DED Experts Pick Top Devices and Discuss the Future

Accurate diagnosis helps direct treatment.

In recent years, there has been significant progress made in the field of ocular surface disease (OSD), both from a diagnostic and therapeutic standpoint. For those interested in taking dry eye disease (DED) management to the next level, it can be a daunting task to determine which technology, test, or treatment modality should be incorporated into your practice first. Given this, we asked some experts in the field of DED a few questions that may provide some insight.

—Executive Editor Conni Bergmann Koury

Question: If you could select only three devices (be it diagnostic, therapeutic, or a mix of both), what would be at the top of your list for your DED practice and why?


The top three items for my DED practice are lissamine green, meibography, and the BlephEx device (BlephEx).

Lissamine green. This dye is essential for the early diagnosis of mild to moderate cases of DED and should be a fundamental for all eye care providers’ practices. It not only stains dead or devitalized cells on the cornea and conjunctiva, but lissamine green also highlights the Line of Marx and identifies the progression of meibomian gland dysfunction (MGD). 
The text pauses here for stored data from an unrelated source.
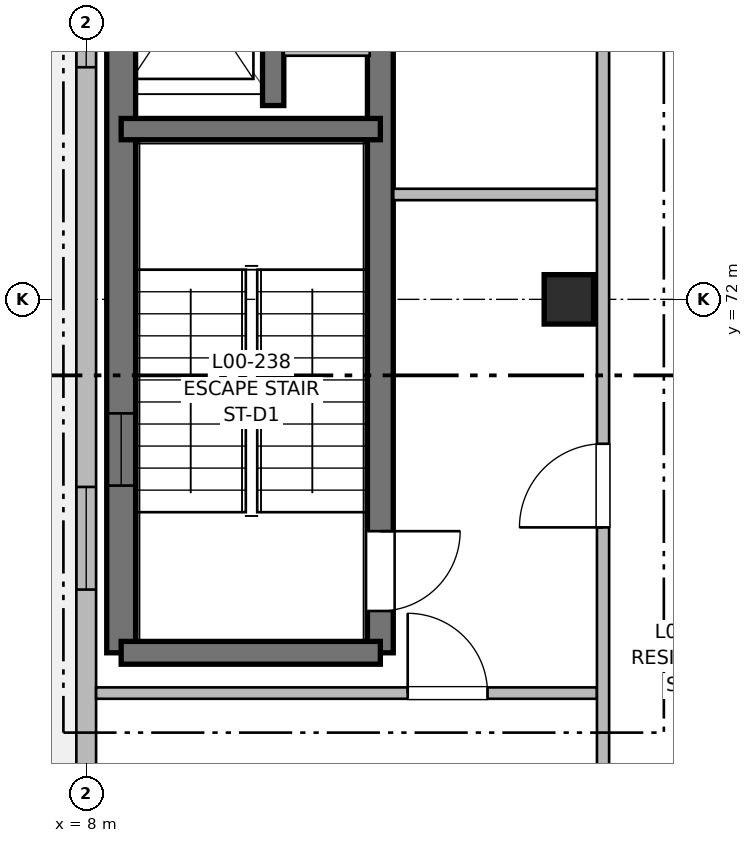
"""IFC4 building model, lengths in metres.
Left out: names, types, materials, properties, quantities, classifications, styles, units other than length and angle.
Written with IfcOpenShell. Run it as: python <this file> out.ifc"""

import sys

from ifc_helpers import new_model, si_unit, direction, frame, frame_2d, origin, origin_2d, place, context, subcontext, project, spatial, rectangle, extrude, element, fill, save


model = new_model("IFC4")
c1 = context("Model", 3, precision=1e-05, world=origin(), true_north=direction((0.0, 1.0)))
c2 = subcontext(c1, "Body", "Model", "MODEL_VIEW")
j1 = project(units=[si_unit("LENGTHUNIT", "METRE"), si_unit("PLANEANGLEUNIT", "RADIAN")], contexts=[c1])
p1 = place(None, origin())
s1 = spatial("IfcSite", under=j1, at=p1, CompositionType="ELEMENT")
p2 = place(p1, origin())
s2 = spatial("IfcBuilding", under=s1, at=p2, CompositionType="ELEMENT")
p3 = place(p2, origin())
s3 = spatial("IfcBuildingStorey", under=s2, at=p3, CompositionType="ELEMENT", Elevation=0.0)
p4 = place(p3, frame((14.35, 72.0, 0.0), z_axis=(0.0, 0.0, 1.0), x_axis=(1.0, 0.0, 0.0)))
e1 = element("IfcColumn", 1, at=p4, inside=s3, PredefinedType="COLUMN", context=c2, shape_type="SweptSolid", body=[
    extrude(rectangle(XDim=0.65, YDim=0.65, at=origin_2d()), origin(), (0.0, 0.0, 1.0), 4.16),
])
p5 = place(p3, frame((8.46, 67.35, 0.0), z_axis=(0.0, 0.0, 1.0), x_axis=(0.0, 1.0, 0.0)))
e2 = element("IfcWall", 2, at=p5, inside=s3, PredefinedType="SHEAR", context=c2, shape_type="SweptSolid", body=[
    extrude(rectangle(XDim=12.45, YDim=0.38, at=frame_2d((6.225, 0.0))), origin(), (0.0, 0.0, 1.0), 4.16),
])
p6 = place(p5, frame((2.2, 0.0, 1.2)))
e3 = element("IfcOpeningElement", 3, at=p6, cuts=e2, PredefinedType="OPENING", context=c2, shape_type="SweptSolid", body=[
    extrude(rectangle(XDim=0.95, YDim=1.25, at=frame_2d((0.475, 0.625))), frame((0.0, 0.2, 0.0), z_axis=(0.0, -1.0, 0.0), x_axis=(1.0, 0.0, 0.0)), (0.0, 0.0, 1.0), 0.4),
])
p7 = place(p3, frame((11.87, 79.8, 0.0), z_axis=(0.0, 0.0, 1.0), x_axis=(0.0, -1.0, 0.0)))
e4 = element("IfcWall", 4, at=p7, inside=s3, PredefinedType="SHEAR", context=c2, shape_type="SweptSolid", body=[
    extrude(rectangle(XDim=12.45, YDim=0.34, at=frame_2d((6.225, 0.0))), origin(), (0.0, 0.0, 1.0), 4.16),
])
p8 = place(p7, frame((10.85, 0.0, 0.0)))
e5 = element("IfcOpeningElement", 5, at=p8, cuts=e4, PredefinedType="OPENING", context=c2, shape_type="SweptSolid", body=[
    extrude(rectangle(XDim=1.05, YDim=2.15, at=frame_2d((0.525, 1.075))), frame((0.0, 0.18, 0.0), z_axis=(0.0, -1.0, 0.0), x_axis=(1.0, 0.0, 0.0)), (0.0, 0.0, 1.0), 0.36),
])
p9 = place(p3, frame((11.87, 67.35, 0.0), z_axis=(0.0, 0.0, 1.0), x_axis=(-1.0, 0.0, 0.0)))
e6 = element("IfcWall", 6, at=p9, inside=s3, PredefinedType="SHEAR", context=c2, shape_type="SweptSolid", body=[
    extrude(rectangle(XDim=3.41, YDim=0.3, at=frame_2d((1.705, 0.0))), origin(), (0.0, 0.0, 1.0), 4.16),
])
p10 = place(p3, frame((8.46, 74.24, 0.0), z_axis=(0.0, 0.0, 1.0), x_axis=(1.0, 0.0, 0.0)))
e7 = element("IfcWall", 7, at=p10, inside=s3, PredefinedType="SHEAR", context=c2, shape_type="SweptSolid", body=[
    extrude(rectangle(XDim=3.41, YDim=0.28, at=frame_2d((1.705, 0.0))), origin(), (0.0, 0.0, 1.0), 4.16),
])
p11 = place(p3, frame((10.46, 74.55, 0.0), z_axis=(0.0, 0.0, 1.0), x_axis=(0.0, 1.0, 0.0)))
e8 = element("IfcWall", 8, at=p11, inside=s3, PredefinedType="SHEAR", context=c2, shape_type="SweptSolid", body=[
    extrude(rectangle(XDim=5.25, YDim=0.28, at=frame_2d((2.625, 0.0))), origin(), (0.0, 0.0, 1.0), 4.16),
])
p12 = place(p11, frame((1.15, 0.0, 0.0)))
e9 = element("IfcOpeningElement", 9, at=p12, cuts=e8, PredefinedType="OPENING", context=c2, shape_type="SweptSolid", body=[
    extrude(rectangle(XDim=1.0, YDim=2.15, at=frame_2d((0.5, 1.075))), frame((0.0, 0.15, 0.0), z_axis=(0.0, -1.0, 0.0), x_axis=(1.0, 0.0, 0.0)), (0.0, 0.0, 1.0), 0.3),
])
p13 = place(p11, frame((3.85, 0.0, 0.0)))
e10 = element("IfcOpeningElement", 10, at=p13, cuts=e8, PredefinedType="OPENING", context=c2, shape_type="SweptSolid", body=[
    extrude(rectangle(XDim=0.9, YDim=2.15, at=frame_2d((0.45, 1.075))), frame((0.0, 0.15, 0.0), z_axis=(0.0, -1.0, 0.0), x_axis=(1.0, 0.0, 0.0)), (0.0, 0.0, 1.0), 0.3),
])
p14 = place(p3, frame((10.6, 75.28, 0.0), z_axis=(0.0, 0.0, 1.0), x_axis=(1.0, 0.0, 0.0)))
e11 = element("IfcWall", 11, at=p14, inside=s3, PredefinedType="PARTITIONING", context=c2, shape_type="SweptSolid", body=[
    extrude(rectangle(XDim=1.13, YDim=0.15, at=frame_2d((0.565, 0.0))), origin(), (0.0, 0.0, 1.0), 3.91),
])
p15 = place(p3, frame((8.0, 56.0, 0.0), z_axis=(0.0, 0.0, 1.0), x_axis=(0.0, 1.0, 0.0)))
e12 = element("IfcWall", 12, at=p15, inside=s3, PredefinedType="SOLIDWALL", context=c2, shape_type="SweptSolid", body=[
    extrude(rectangle(XDim=60.0, YDim=0.26, at=frame_2d((30.0, 0.0))), origin(), (0.0, 0.0, 1.0), 3.94),
])
p16 = place(p15, frame((3.211, 0.0, 0.95)))
e13 = element("IfcOpeningElement", 13, at=p16, cuts=e12, PredefinedType="OPENING", context=c2, shape_type="SweptSolid", body=[
    extrude(rectangle(XDim=2.15, YDim=1.8, at=frame_2d((1.075, 0.9))), frame((0.0, 0.14, 0.0), z_axis=(0.0, -1.0, 0.0), x_axis=(1.0, 0.0, 0.0)), (0.0, 0.0, 1.0), 0.28),
])
p17 = place(p15, frame((12.182, 0.0, 0.95)))
e14 = element("IfcOpeningElement", 14, at=p17, cuts=e12, PredefinedType="OPENING", context=c2, shape_type="SweptSolid", body=[
    extrude(rectangle(XDim=1.35, YDim=1.3, at=frame_2d((0.675, 0.65))), frame((0.0, 0.14, 0.0), z_axis=(0.0, -1.0, 0.0), x_axis=(1.0, 0.0, 0.0)), (0.0, 0.0, 1.0), 0.28),
])
p18 = place(p15, frame((19.054, 0.0, 0.95)))
e15 = element("IfcOpeningElement", 15, at=p18, cuts=e12, PredefinedType="OPENING", context=c2, shape_type="SweptSolid", body=[
    extrude(rectangle(XDim=2.15, YDim=1.8, at=frame_2d((1.075, 0.9))), frame((0.0, 0.14, 0.0), z_axis=(0.0, -1.0, 0.0), x_axis=(1.0, 0.0, 0.0)), (0.0, 0.0, 1.0), 0.28),
])
p19 = place(p15, frame((29.325, 0.0, 0.95)))
e16 = element("IfcOpeningElement", 16, at=p19, cuts=e12, PredefinedType="OPENING", context=c2, shape_type="SweptSolid", body=[
    extrude(rectangle(XDim=1.35, YDim=1.3, at=frame_2d((0.675, 0.65))), frame((0.0, 0.14, 0.0), z_axis=(0.0, -1.0, 0.0), x_axis=(1.0, 0.0, 0.0)), (0.0, 0.0, 1.0), 0.28),
])
p20 = place(p15, frame((37.496, 0.0, 0.95)))
e17 = element("IfcOpeningElement", 17, at=p20, cuts=e12, PredefinedType="OPENING", context=c2, shape_type="SweptSolid", body=[
    extrude(rectangle(XDim=2.15, YDim=1.8, at=frame_2d((1.075, 0.9))), frame((0.0, 0.14, 0.0), z_axis=(0.0, -1.0, 0.0), x_axis=(1.0, 0.0, 0.0)), (0.0, 0.0, 1.0), 0.28),
])
p21 = place(p15, frame((46.468, 0.0, 0.95)))
e18 = element("IfcOpeningElement", 18, at=p21, cuts=e12, PredefinedType="OPENING", context=c2, shape_type="SweptSolid", body=[
    extrude(rectangle(XDim=1.35, YDim=1.3, at=frame_2d((0.675, 0.65))), frame((0.0, 0.14, 0.0), z_axis=(0.0, -1.0, 0.0), x_axis=(1.0, 0.0, 0.0)), (0.0, 0.0, 1.0), 0.28),
])
p22 = place(p15, frame((54.639, 0.0, 0.95)))
e19 = element("IfcOpeningElement", 19, at=p22, cuts=e12, PredefinedType="OPENING", context=c2, shape_type="SweptSolid", body=[
    extrude(rectangle(XDim=2.15, YDim=1.8, at=frame_2d((1.075, 0.9))), frame((0.0, 0.14, 0.0), z_axis=(0.0, -1.0, 0.0), x_axis=(1.0, 0.0, 0.0)), (0.0, 0.0, 1.0), 0.28),
])
p23 = place(p3, frame((8.13, 66.82, 0.0), z_axis=(0.0, 0.0, 1.0), x_axis=(1.0, 0.0, 0.0)))
e20 = element("IfcWall", 20, at=p23, inside=s3, PredefinedType="PARTITIONING", context=c2, shape_type="SweptSolid", body=[
    extrude(rectangle(XDim=6.59, YDim=0.15, at=frame_2d((3.295, 0.0))), origin(), (0.0, 0.0, 1.0), 3.895),
])
p24 = place(p23, frame((4.1, 0.0, 0.0)))
e21 = element("IfcOpeningElement", 21, at=p24, cuts=e20, PredefinedType="OPENING", context=c2, shape_type="SweptSolid", body=[
    extrude(rectangle(XDim=1.05, YDim=2.15, at=frame_2d((0.525, 1.075))), frame((0.0, 0.085, 0.0), z_axis=(0.0, -1.0, 0.0), x_axis=(1.0, 0.0, 0.0)), (0.0, 0.0, 1.0), 0.17),
])
p25 = place(p3, frame((12.04, 73.38, 0.0), z_axis=(0.0, 0.0, 1.0), x_axis=(1.0, 0.0, 0.0)))
e22 = element("IfcWall", 22, at=p25, inside=s3, PredefinedType="PARTITIONING", context=c2, shape_type="SweptSolid", body=[
    extrude(rectangle(XDim=2.68, YDim=0.15, at=frame_2d((1.34, 0.0))), origin(), (0.0, 0.0, 1.0), 3.895),
])
p26 = place(p3, frame((14.8, 56.18, 0.0), z_axis=(0.0, 0.0, 1.0), x_axis=(0.0, 1.0, 0.0)))
e23 = element("IfcWall", 23, at=p26, inside=s3, PredefinedType="PARTITIONING", context=c2, shape_type="SweptSolid", body=[
    extrude(rectangle(XDim=50.62, YDim=0.16, at=frame_2d((25.31, 0.0))), origin(), (0.0, 0.0, 1.0), 3.895),
])
p27 = place(p26, frame((12.82, 0.0, 0.0)))
e24 = element("IfcOpeningElement", 24, at=p27, cuts=e23, PredefinedType="OPENING", context=c2, shape_type="SweptSolid", body=[
    extrude(rectangle(XDim=1.1, YDim=2.15, at=frame_2d((0.55, 1.075))), frame((0.0, 0.09, 0.0), z_axis=(0.0, -1.0, 0.0), x_axis=(1.0, 0.0, 0.0)), (0.0, 0.0, 1.0), 0.18),
])
p28 = place(p26, frame((19.22, 0.0, 0.0)))
e25 = element("IfcOpeningElement", 25, at=p28, cuts=e23, PredefinedType="OPENING", context=c2, shape_type="SweptSolid", body=[
    extrude(rectangle(XDim=1.6, YDim=2.15, at=frame_2d((0.8, 1.075))), frame((0.0, 0.09, 0.0), z_axis=(0.0, -1.0, 0.0), x_axis=(1.0, 0.0, 0.0)), (0.0, 0.0, 1.0), 0.18),
])
p29 = place(p26, frame((3.5, 0.0, 0.0)))
e26 = element("IfcOpeningElement", 26, at=p29, cuts=e23, PredefinedType="OPENING", context=c2, shape_type="SweptSolid", body=[
    extrude(rectangle(XDim=1.05, YDim=2.15, at=frame_2d((0.525, 1.075))), frame((0.0, 0.09, 0.0), z_axis=(0.0, -1.0, 0.0), x_axis=(1.0, 0.0, 0.0)), (0.0, 0.0, 1.0), 0.18),
])
p30 = place(p26, frame((29.2, 0.0, 0.0)))
e27 = element("IfcOpeningElement", 27, at=p30, cuts=e23, PredefinedType="OPENING", context=c2, shape_type="SweptSolid", body=[
    extrude(rectangle(XDim=1.55, YDim=2.2, at=frame_2d((0.775, 1.1))), frame((0.0, 0.09, 0.0), z_axis=(0.0, -1.0, 0.0), x_axis=(1.0, 0.0, 0.0)), (0.0, 0.0, 1.0), 0.18),
])
p31 = place(p8, origin())
e28 = element("IfcDoor", 28, at=p31, inside=s3, OperationType="SINGLE_SWING_LEFT", PredefinedType="DOOR", context=c2, shape_type="SweptSolid", body=[
    extrude(rectangle(XDim=1.05, YDim=2.15, at=frame_2d((0.525, 1.075))), frame((0.0, 0.025, 0.0), z_axis=(0.0, -1.0, 0.0), x_axis=(1.0, 0.0, 0.0)), (0.0, 0.0, 1.0), 0.05),
])
fill(e5, e28)
p32 = place(p6, origin())
e29 = element("IfcWindow", 29, at=p32, inside=s3, PartitioningType="SINGLE_PANEL", PredefinedType="WINDOW", context=c2, shape_type="SweptSolid", body=[
    extrude(rectangle(XDim=0.95, YDim=1.25, at=frame_2d((0.475, 0.625))), frame((0.0, 0.03, 0.0), z_axis=(0.0, -1.0, 0.0), x_axis=(1.0, 0.0, 0.0)), (0.0, 0.0, 1.0), 0.06),
])
fill(e3, e29)
p33 = place(p17, origin())
e30 = element("IfcWindow", 30, at=p33, inside=s3, PartitioningType="SINGLE_PANEL", PredefinedType="WINDOW", context=c2, shape_type="SweptSolid", body=[
    extrude(rectangle(XDim=1.35, YDim=1.3, at=frame_2d((0.675, 0.65))), frame((0.0, 0.03, 0.0), z_axis=(0.0, -1.0, 0.0), x_axis=(1.0, 0.0, 0.0)), (0.0, 0.0, 1.0), 0.06),
])
fill(e14, e30)
p34 = place(p18, origin())
e31 = element("IfcWindow", 31, at=p34, inside=s3, PartitioningType="SINGLE_PANEL", PredefinedType="WINDOW", context=c2, shape_type="SweptSolid", body=[
    extrude(rectangle(XDim=2.15, YDim=1.8, at=frame_2d((1.075, 0.9))), frame((0.0, 0.03, 0.0), z_axis=(0.0, -1.0, 0.0), x_axis=(1.0, 0.0, 0.0)), (0.0, 0.0, 1.0), 0.06),
])
fill(e15, e31)
p35 = place(p27, origin())
e32 = element("IfcDoor", 32, at=p35, inside=s3, OperationType="SINGLE_SWING_LEFT", PredefinedType="DOOR", context=c2, shape_type="SweptSolid", body=[
    extrude(rectangle(XDim=1.1, YDim=2.15, at=frame_2d((0.55, 1.075))), frame((0.0, 0.025, 0.0), z_axis=(0.0, -1.0, 0.0), x_axis=(1.0, 0.0, 0.0)), (0.0, 0.0, 1.0), 0.05),
])
fill(e24, e32)
p36 = place(p24, origin())
e33 = element("IfcDoor", 33, at=p36, inside=s3, OperationType="SINGLE_SWING_LEFT", PredefinedType="DOOR", context=c2, shape_type="SweptSolid", body=[
    extrude(rectangle(XDim=1.05, YDim=2.15, at=frame_2d((0.525, 1.075))), frame((0.0, 0.025, 0.0), z_axis=(0.0, -1.0, 0.0), x_axis=(1.0, 0.0, 0.0)), (0.0, 0.0, 1.0), 0.05),
])
fill(e21, e33)
save(model, sys.argv[1])

Meibography. Considering that over 80% of DED is evaporative in nature,1 meibography is critical to making the proper diagnosis. I find meibography useful for educating patients about their condition and setting appropriate expectations for those with atrophy and truncation. Both Oculus and TearScience offer tools that include meibography and other valuable features to diagnose and monitor the progression of DED. 

BlephEx. From a treatment perspective, I like the utility of BlephEx. I find the device exceptionally effective for treating both MGD and anterior blepharitis. I have seen an improvement in patients’ symptoms and tear breakup time as well as enhanced meibomian gland function. Because Demodex occurs in 84% of patients over the age of 60 years,2 there is no shortage of people who can benefit. The price of the unit and disposables is not prohibitive for doctors or patients. 


The top three “must haves” for my dry eye practice are the Karpecki Debrider (Bruder), my Clinical Laboratory Improvement Amendments (CLIA) license, and something as simple as my transilluminator.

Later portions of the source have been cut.